O @lesilva (do Copiar e Colar) me passou o link para uma matéria intitulada O que você precisa saber sobre a empresa mais influente do mundo em que o Maurício Moraes nos convida a refletir sobre o Google apesar de temer ser apedrejado por isso. 🙂

Ele acabou não falando nada demais (talvez por estar dentro de um site da velha mídia onde é necessário se preocupar com os leitores e anunciantes) então decidi colocar a língua ferina em ação e deixar um comentário lá.

Como não sei se ele vai poder liberar o comentário decidi publicá-lo aqui também.

Aqui entre nós, que chato esse cadastro da Abril que temos que preencher para deixar um comentário, hein?

Pô, achei que vc ia pegar pesado quando falou em ser apedrejado! Vou fazer isso por vc apesar de usar o Google para quase tudo (agenda, documentos, email, estatísticas de acesso, pesquisas).

Primeiro pegando no pé dos fundamentalistas religiosos: o Google não pode ser divindade pq fingue que seu lema é não fazer o mal e a maioria das divindades dos fundamentalistas são ciumentas, vingativas, mesquinhas e fazem o mal o tempo todo 😉

Quanto ao Google.

O bicho já virou um monopólio mais restritivo que a Microsoft.

Todos nós conhecemos a história das inovações que a Microsoft tentou inibir e das tantas que ela conseguiu inibir e que seriam grandes avanços para o bem da humanidade, dá para citar rapidamente o Quicken, o OS/2 da IBM e os mais importantes de todos (ainda bem que esses ela não ganhou) a cultura OpenSource e a Internet.

Na lista do Google a gente tem o Zoho que é um pacote de aplicativos muito melhor que o Google Docs, o Clusty que é um buscador que traz várias qualidades interessantes e o Yahoo!Live que talvez tenha morrido por causa da criação do Youtube Live.

Mas o maior perigo do Google nem são as suas características monopolistas e sim o poder absurdo que ele tem ao ter acesso a praticamente TUDO sobre nós!

Ele sabe sobre o que pesquisamos, o que conversamos (por email ou chat), de quem somos amigos (não pelo Orkut que não colou, mas pelo OpenSocial ou pelo livro de endereços do Gmail), o que fazemos (pela agenda), onde vamos (ainda não criou seus mapas personalizados no Maps?) e a lista segue bem adiante com o Android, gps etc.

Com esse volume de informações e um bom consultor em data mining eles podem analisar as tendências de comportamento da humanidade como ninguém!

Quer eleger um presidente? Criar o celular perfeito? Lançar um produto inédito que todos estão querendo, mas ninguém notou ainda? A chave está nos bancos de dados do Google…
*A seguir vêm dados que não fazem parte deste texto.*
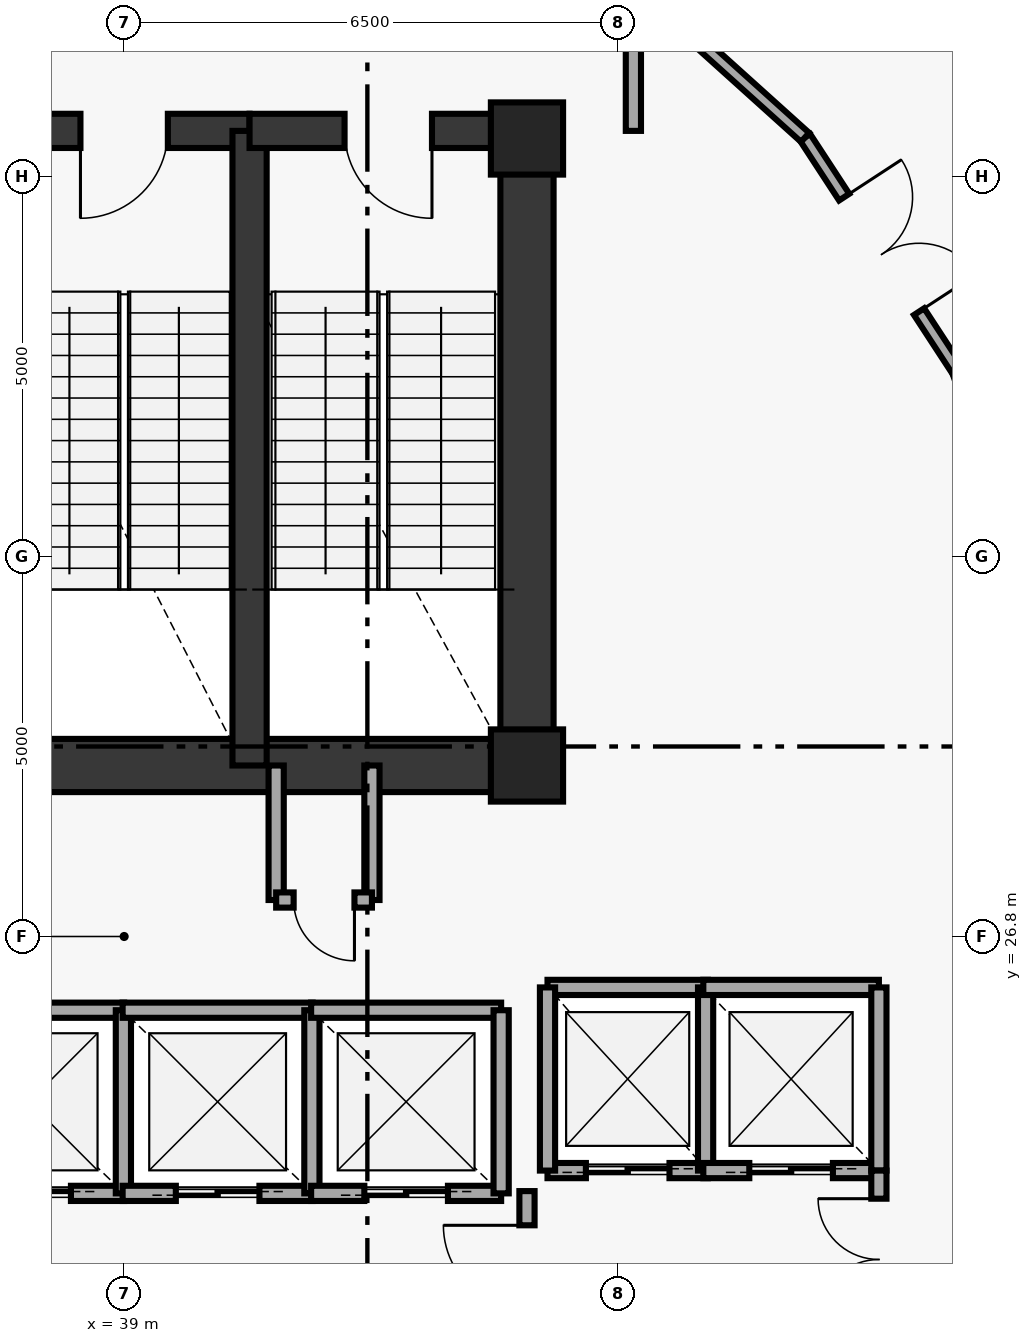
"""IFC4 building model, lengths in metres.
Left out: names, types, materials, properties, quantities, classifications, styles, units other than length and angle.
Written with IfcOpenShell. Run it as: python <this file> out.ifc"""

import sys

from ifc_helpers import new_model, si_unit, direction, frame, frame_2d, origin, origin_2d, place, context, subcontext, project, spatial, rectangle, extrude, element, fill, save


model = new_model("IFC4")
c1 = context("Model", 3, precision=1e-05, world=origin(), true_north=direction((0.0, 1.0)))
c2 = subcontext(c1, "Body", "Model", "MODEL_VIEW")
j1 = project(units=[si_unit("LENGTHUNIT", "METRE"), si_unit("PLANEANGLEUNIT", "RADIAN")], contexts=[c1])
p1 = place(None, origin())
s1 = spatial("IfcSite", under=j1, at=p1, CompositionType="ELEMENT")
p2 = place(p1, origin())
s2 = spatial("IfcBuilding", under=s1, at=p2, CompositionType="ELEMENT")
p3 = place(p2, frame((0.0, 0.0, 113.25)))
s3 = spatial("IfcBuildingStorey", under=s2, at=p3, CompositionType="ELEMENT", Elevation=113.25)
for number, where, z_axis, x_axis in (
    (1, (44.3, 29.05, 0.0), (0.0, 0.0, 1.0), (1.0, 0.0, 0.0)),
    (2, (44.3, 37.3, 0.0), (0.0, 0.0, 1.0), (1.0, 0.0, 0.0)),
):
    element("IfcColumn", number, at=place(p3, frame(where, z_axis=z_axis, x_axis=x_axis)), inside=s3, PredefinedType="PILASTER", context=c2, shape_type="SweptSolid", body=[
        extrude(rectangle(XDim=0.95, YDim=0.95, at=origin_2d()), origin(), (0.0, 0.0, 1.0), 4.75),
    ])
p4 = place(p3, frame((44.3, 29.05, 0.0), z_axis=(0.0, 0.0, 1.0), x_axis=(0.0, 1.0, 0.0)))
e3 = element("IfcWall", 3, at=p4, inside=s3, PredefinedType="SHEAR", context=c2, shape_type="SweptSolid", body=[
    extrude(rectangle(XDim=8.35, YDim=0.7, at=frame_2d((4.175, 0.0))), origin(), (0.0, 0.0, 1.0), 4.75),
])
p5 = place(p3, frame((33.7, 29.05, 0.0), z_axis=(0.0, 0.0, 1.0), x_axis=(1.0, 0.0, 0.0)))
e4 = element("IfcWall", 4, at=p5, inside=s3, PredefinedType="SHEAR", context=c2, shape_type="SweptSolid", body=[
    extrude(rectangle(XDim=10.6, YDim=0.7, at=frame_2d((5.3, 0.0))), origin(), (0.0, 0.0, 1.0), 4.75),
])
p6 = place(p3, frame((40.65, 37.4, 0.0), z_axis=(0.0, 0.0, 1.0), x_axis=(-1.0, 0.0, 0.0)))
e5 = element("IfcWall", 5, at=p6, inside=s3, PredefinedType="SHEAR", context=c2, shape_type="SweptSolid", body=[
    extrude(rectangle(XDim=3.3, YDim=0.45, at=frame_2d((1.65, 0.0))), origin(), (0.0, 0.0, 1.0), 4.75),
])
p7 = place(p6, frame((1.075, 0.0, 0.0)))
e6 = element("IfcOpeningElement", 6, at=p7, cuts=e5, PredefinedType="OPENING", context=c2, shape_type="SweptSolid", body=[
    extrude(rectangle(XDim=1.15, YDim=2.15, at=frame_2d((0.575, 1.075))), frame((0.0, 0.235, 0.0), z_axis=(0.0, -1.0, 0.0), x_axis=(1.0, 0.0, 0.0)), (0.0, 0.0, 1.0), 0.47),
])
p8 = place(p3, frame((40.65, 29.05, 0.0), z_axis=(0.0, 0.0, 1.0), x_axis=(0.0, 1.0, 0.0)))
e7 = element("IfcWall", 7, at=p8, inside=s3, PredefinedType="SHEAR", context=c2, shape_type="SweptSolid", body=[
    extrude(rectangle(XDim=8.35, YDim=0.45, at=frame_2d((4.175, 0.0))), origin(), (0.0, 0.0, 1.0), 4.75),
])
p9 = place(p3, frame((44.3, 37.4, 0.0), z_axis=(0.0, 0.0, 1.0), x_axis=(-1.0, 0.0, 0.0)))
e8 = element("IfcWall", 8, at=p9, inside=s3, PredefinedType="SHEAR", context=c2, shape_type="SweptSolid", body=[
    extrude(rectangle(XDim=3.65, YDim=0.45, at=frame_2d((1.825, 0.0))), origin(), (0.0, 0.0, 1.0), 4.75),
])
p10 = place(p9, frame((1.25, 0.0, 0.0)))
e9 = element("IfcOpeningElement", 9, at=p10, cuts=e8, PredefinedType="OPENING", context=c2, shape_type="SweptSolid", body=[
    extrude(rectangle(XDim=1.15, YDim=2.15, at=frame_2d((0.575, 1.075))), frame((0.0, 0.235, 0.0), z_axis=(0.0, -1.0, 0.0), x_axis=(1.0, 0.0, 0.0)), (0.0, 0.0, 1.0), 0.47),
])
p11 = place(p3, frame((45.7, 37.4, 0.0), z_axis=(0.0, 0.0, 1.0), x_axis=(0.0, 1.0, 0.0)))
e10 = element("IfcWall", 10, at=p11, inside=s3, PredefinedType="SOLIDWALL", context=c2, shape_type="SweptSolid", body=[
    extrude(rectangle(XDim=1.88, YDim=0.2, at=frame_2d((0.94, 0.0))), origin(), (0.0, 0.0, 1.0), 4.75),
])
for number, where, z_axis, x_axis in (
    (11, (41.0, 27.28, 0.0), (0.0, 0.0, 1.0), (0.0, 1.0, 0.0)),
    (12, (42.26, 27.28, 0.0), (0.0, 0.0, 1.0), (0.0, 1.0, 0.0)),
):
    element("IfcWall", number, at=place(p3, frame(where, z_axis=z_axis, x_axis=x_axis)), inside=s3, PredefinedType="SOLIDWALL", context=c2, shape_type="SweptSolid", body=[
        extrude(rectangle(XDim=1.77, YDim=0.2, at=frame_2d((0.885, 0.0))), origin(), (0.0, 0.0, 1.0), 4.75),
    ])
p12 = place(p3, frame((41.0, 27.28, 0.0), z_axis=(0.0, 0.0, 1.0), x_axis=(1.0, 0.0, 0.0)))
e13 = element("IfcWall", 13, at=p12, inside=s3, PredefinedType="SOLIDWALL", context=c2, shape_type="SweptSolid", body=[
    extrude(rectangle(XDim=1.26, YDim=0.2, at=frame_2d((0.63, 0.0))), origin(), (0.0, 0.0, 1.0), 4.75),
])
p13 = place(p12, frame((0.23, 0.0, 0.0)))
e14 = element("IfcOpeningElement", 14, at=p13, cuts=e13, PredefinedType="OPENING", context=c2, shape_type="SweptSolid", body=[
    extrude(rectangle(XDim=0.8, YDim=2.05, at=frame_2d((0.4, 1.025))), frame((0.0, 0.11, 0.0), z_axis=(0.0, -1.0, 0.0), x_axis=(1.0, 0.0, 0.0)), (0.0, 0.0, 1.0), 0.22),
])
p14 = place(p3, frame((44.57, 23.72, 0.0), z_axis=(0.0, 0.0, 1.0), x_axis=(1.0, 0.0, 0.0)))
e15 = element("IfcWall", 15, at=p14, inside=s3, PredefinedType="SOLIDWALL", context=c2, shape_type="SweptSolid", body=[
    extrude(rectangle(XDim=2.11, YDim=0.2, at=frame_2d((1.055, 0.0))), origin(), (0.0, 0.0, 1.0), 4.75),
])
p15 = place(p14, frame((0.505, 0.0, 0.0)))
e16 = element("IfcOpeningElement", 16, at=p15, cuts=e15, PredefinedType="OPENING", context=c2, shape_type="SweptSolid", body=[
    extrude(rectangle(XDim=1.1, YDim=2.15, at=frame_2d((0.55, 1.075))), frame((0.0, 0.11, 0.0), z_axis=(0.0, -1.0, 0.0), x_axis=(1.0, 0.0, 0.0)), (0.0, 0.0, 1.0), 0.22),
])
p16 = place(p3, frame((44.57, 26.13, 0.0), z_axis=(0.0, 0.0, 1.0), x_axis=(1.0, 0.0, 0.0)))
e17 = element("IfcWall", 17, at=p16, inside=s3, PredefinedType="SOLIDWALL", context=c2, shape_type="SweptSolid", body=[
    extrude(rectangle(XDim=2.11, YDim=0.2, at=frame_2d((1.055, 0.0))), origin(), (0.0, 0.0, 1.0), 4.75),
])
for number, where, z_axis, x_axis in (
    (18, (44.57, 23.72, 0.0), (0.0, 0.0, 1.0), (0.0, 1.0, 0.0)),
    (19, (46.65, 23.72, 0.0), (0.0, 0.0, 1.0), (0.0, 1.0, 0.0)),
):
    element("IfcWall", number, at=place(p3, frame(where, z_axis=z_axis, x_axis=x_axis)), inside=s3, PredefinedType="SOLIDWALL", context=c2, shape_type="SweptSolid", body=[
        extrude(rectangle(XDim=2.41, YDim=0.2, at=frame_2d((1.205, 0.0))), origin(), (0.0, 0.0, 1.0), 4.75),
    ])
p17 = place(p3, frame((46.62, 23.72, 0.0), z_axis=(0.0, 0.0, 1.0), x_axis=(1.0, 0.0, 0.0)))
e20 = element("IfcWall", 20, at=p17, inside=s3, PredefinedType="SOLIDWALL", context=c2, shape_type="SweptSolid", body=[
    extrude(rectangle(XDim=2.31, YDim=0.2, at=frame_2d((1.155, 0.0))), origin(), (0.0, 0.0, 1.0), 4.75),
])
p18 = place(p17, frame((0.605, 0.0, 0.0)))
e21 = element("IfcOpeningElement", 21, at=p18, cuts=e20, PredefinedType="OPENING", context=c2, shape_type="SweptSolid", body=[
    extrude(rectangle(XDim=1.1, YDim=2.15, at=frame_2d((0.55, 1.075))), frame((0.0, 0.11, 0.0), z_axis=(0.0, -1.0, 0.0), x_axis=(1.0, 0.0, 0.0)), (0.0, 0.0, 1.0), 0.22),
])
p19 = place(p3, frame((46.62, 26.13, 0.0), z_axis=(0.0, 0.0, 1.0), x_axis=(1.0, 0.0, 0.0)))
e22 = element("IfcWall", 22, at=p19, inside=s3, PredefinedType="SOLIDWALL", context=c2, shape_type="SweptSolid", body=[
    extrude(rectangle(XDim=2.31, YDim=0.2, at=frame_2d((1.155, 0.0))), origin(), (0.0, 0.0, 1.0), 4.75),
])
p20 = place(p3, frame((48.93, 23.72, 0.0), z_axis=(0.0, 0.0, 1.0), x_axis=(0.0, 1.0, 0.0)))
e23 = element("IfcWall", 23, at=p20, inside=s3, PredefinedType="SOLIDWALL", context=c2, shape_type="SweptSolid", body=[
    extrude(rectangle(XDim=2.41, YDim=0.2, at=frame_2d((1.205, 0.0))), origin(), (0.0, 0.0, 1.0), 4.75),
])
p21 = place(p3, frame((36.5, 23.42, 0.0), z_axis=(0.0, 0.0, 1.0), x_axis=(1.0, 0.0, 0.0)))
e24 = element("IfcWall", 24, at=p21, inside=s3, PredefinedType="SOLIDWALL", context=c2, shape_type="SweptSolid", body=[
    extrude(rectangle(XDim=2.5, YDim=0.2, at=frame_2d((1.25, 0.0))), origin(), (0.0, 0.0, 1.0), 4.75),
])
p22 = place(p21, frame((0.7, 0.0, 0.0)))
e25 = element("IfcOpeningElement", 25, at=p22, cuts=e24, PredefinedType="OPENING", context=c2, shape_type="SweptSolid", body=[
    extrude(rectangle(XDim=1.1, YDim=2.15, at=frame_2d((0.55, 1.075))), frame((0.0, 0.11, 0.0), z_axis=(0.0, -1.0, 0.0), x_axis=(1.0, 0.0, 0.0)), (0.0, 0.0, 1.0), 0.22),
])
p23 = place(p3, frame((36.5, 25.83, 0.0), z_axis=(0.0, 0.0, 1.0), x_axis=(1.0, 0.0, 0.0)))
e26 = element("IfcWall", 26, at=p23, inside=s3, PredefinedType="SOLIDWALL", context=c2, shape_type="SweptSolid", body=[
    extrude(rectangle(XDim=2.5, YDim=0.2, at=frame_2d((1.25, 0.0))), origin(), (0.0, 0.0, 1.0), 4.75),
])
p24 = place(p3, frame((38.99, 23.42, 0.0), z_axis=(0.0, 0.0, 1.0), x_axis=(0.0, 1.0, 0.0)))
e27 = element("IfcWall", 27, at=p24, inside=s3, PredefinedType="SOLIDWALL", context=c2, shape_type="SweptSolid", body=[
    extrude(rectangle(XDim=2.41, YDim=0.2, at=frame_2d((1.205, 0.0))), origin(), (0.0, 0.0, 1.0), 4.75),
])
p25 = place(p3, frame((38.98, 23.42, 0.0), z_axis=(0.0, 0.0, 1.0), x_axis=(1.0, 0.0, 0.0)))
e28 = element("IfcWall", 28, at=p25, inside=s3, PredefinedType="SOLIDWALL", context=c2, shape_type="SweptSolid", body=[
    extrude(rectangle(XDim=2.5, YDim=0.2, at=frame_2d((1.25, 0.0))), origin(), (0.0, 0.0, 1.0), 4.75),
])
p26 = place(p25, frame((0.7, 0.0, 0.0)))
e29 = element("IfcOpeningElement", 29, at=p26, cuts=e28, PredefinedType="OPENING", context=c2, shape_type="SweptSolid", body=[
    extrude(rectangle(XDim=1.1, YDim=2.15, at=frame_2d((0.55, 1.075))), frame((0.0, 0.11, 0.0), z_axis=(0.0, -1.0, 0.0), x_axis=(1.0, 0.0, 0.0)), (0.0, 0.0, 1.0), 0.22),
])
p27 = place(p3, frame((38.98, 25.83, 0.0), z_axis=(0.0, 0.0, 1.0), x_axis=(1.0, 0.0, 0.0)))
e30 = element("IfcWall", 30, at=p27, inside=s3, PredefinedType="SOLIDWALL", context=c2, shape_type="SweptSolid", body=[
    extrude(rectangle(XDim=2.5, YDim=0.2, at=frame_2d((1.25, 0.0))), origin(), (0.0, 0.0, 1.0), 4.75),
])
p28 = place(p3, frame((41.47, 23.42, 0.0), z_axis=(0.0, 0.0, 1.0), x_axis=(0.0, 1.0, 0.0)))
e31 = element("IfcWall", 31, at=p28, inside=s3, PredefinedType="SOLIDWALL", context=c2, shape_type="SweptSolid", body=[
    extrude(rectangle(XDim=2.41, YDim=0.2, at=frame_2d((1.205, 0.0))), origin(), (0.0, 0.0, 1.0), 4.75),
])
p29 = place(p3, frame((41.46, 23.42, 0.0), z_axis=(0.0, 0.0, 1.0), x_axis=(1.0, 0.0, 0.0)))
e32 = element("IfcWall", 32, at=p29, inside=s3, PredefinedType="SOLIDWALL", context=c2, shape_type="SweptSolid", body=[
    extrude(rectangle(XDim=2.5, YDim=0.2, at=frame_2d((1.25, 0.0))), origin(), (0.0, 0.0, 1.0), 4.75),
])
p30 = place(p29, frame((0.7, 0.0, 0.0)))
e33 = element("IfcOpeningElement", 33, at=p30, cuts=e32, PredefinedType="OPENING", context=c2, shape_type="SweptSolid", body=[
    extrude(rectangle(XDim=1.1, YDim=2.15, at=frame_2d((0.55, 1.075))), frame((0.0, 0.11, 0.0), z_axis=(0.0, -1.0, 0.0), x_axis=(1.0, 0.0, 0.0)), (0.0, 0.0, 1.0), 0.22),
])
p31 = place(p3, frame((41.46, 25.83, 0.0), z_axis=(0.0, 0.0, 1.0), x_axis=(1.0, 0.0, 0.0)))
e34 = element("IfcWall", 34, at=p31, inside=s3, PredefinedType="SOLIDWALL", context=c2, shape_type="SweptSolid", body=[
    extrude(rectangle(XDim=2.5, YDim=0.2, at=frame_2d((1.25, 0.0))), origin(), (0.0, 0.0, 1.0), 4.75),
])
p32 = place(p3, frame((43.96, 23.42, 0.0), z_axis=(0.0, 0.0, 1.0), x_axis=(0.0, 1.0, 0.0)))
e35 = element("IfcWall", 35, at=p32, inside=s3, PredefinedType="SOLIDWALL", context=c2, shape_type="SweptSolid", body=[
    extrude(rectangle(XDim=2.41, YDim=0.2, at=frame_2d((1.205, 0.0))), origin(), (0.0, 0.0, 1.0), 4.75),
])
p33 = place(p3, frame((48.93, 21.38, 0.0), z_axis=(0.0, 0.0, 1.0), x_axis=(0.0, 1.0, 0.0)))
e36 = element("IfcWall", 36, at=p33, inside=s3, PredefinedType="SOLIDWALL", context=c2, shape_type="SweptSolid", body=[
    extrude(rectangle(XDim=2.34, YDim=0.2, at=frame_2d((1.17, 0.0))), origin(), (0.0, 0.0, 1.0), 4.75),
])
p34 = place(p33, frame((0.37, 0.0, 0.0)))
e37 = element("IfcOpeningElement", 37, at=p34, cuts=e36, PredefinedType="OPENING", context=c2, shape_type="SweptSolid", body=[
    extrude(rectangle(XDim=1.6, YDim=2.2, at=frame_2d((0.8, 1.1))), frame((0.0, 0.11, 0.0), z_axis=(0.0, -1.0, 0.0), x_axis=(1.0, 0.0, 0.0)), (0.0, 0.0, 1.0), 0.22),
])
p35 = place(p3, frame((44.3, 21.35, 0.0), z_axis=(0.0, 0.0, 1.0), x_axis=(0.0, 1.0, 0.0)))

E o Google e a Internet são apenas a ponta do mastro de uma embarcação que não sabemos bem como é… Já sabemos que virtual e real não se aplicam mais e sim online e offline já que nada disso é brincadeira ou invenção, mas lugares onde espalhamos e compartilhamos nossas vidas reais!

Até mesmo o online e offline são fronteiras cada vez mais sutis ou o Twitter não é um sucesso justamente por fazer a ponte entre os dois?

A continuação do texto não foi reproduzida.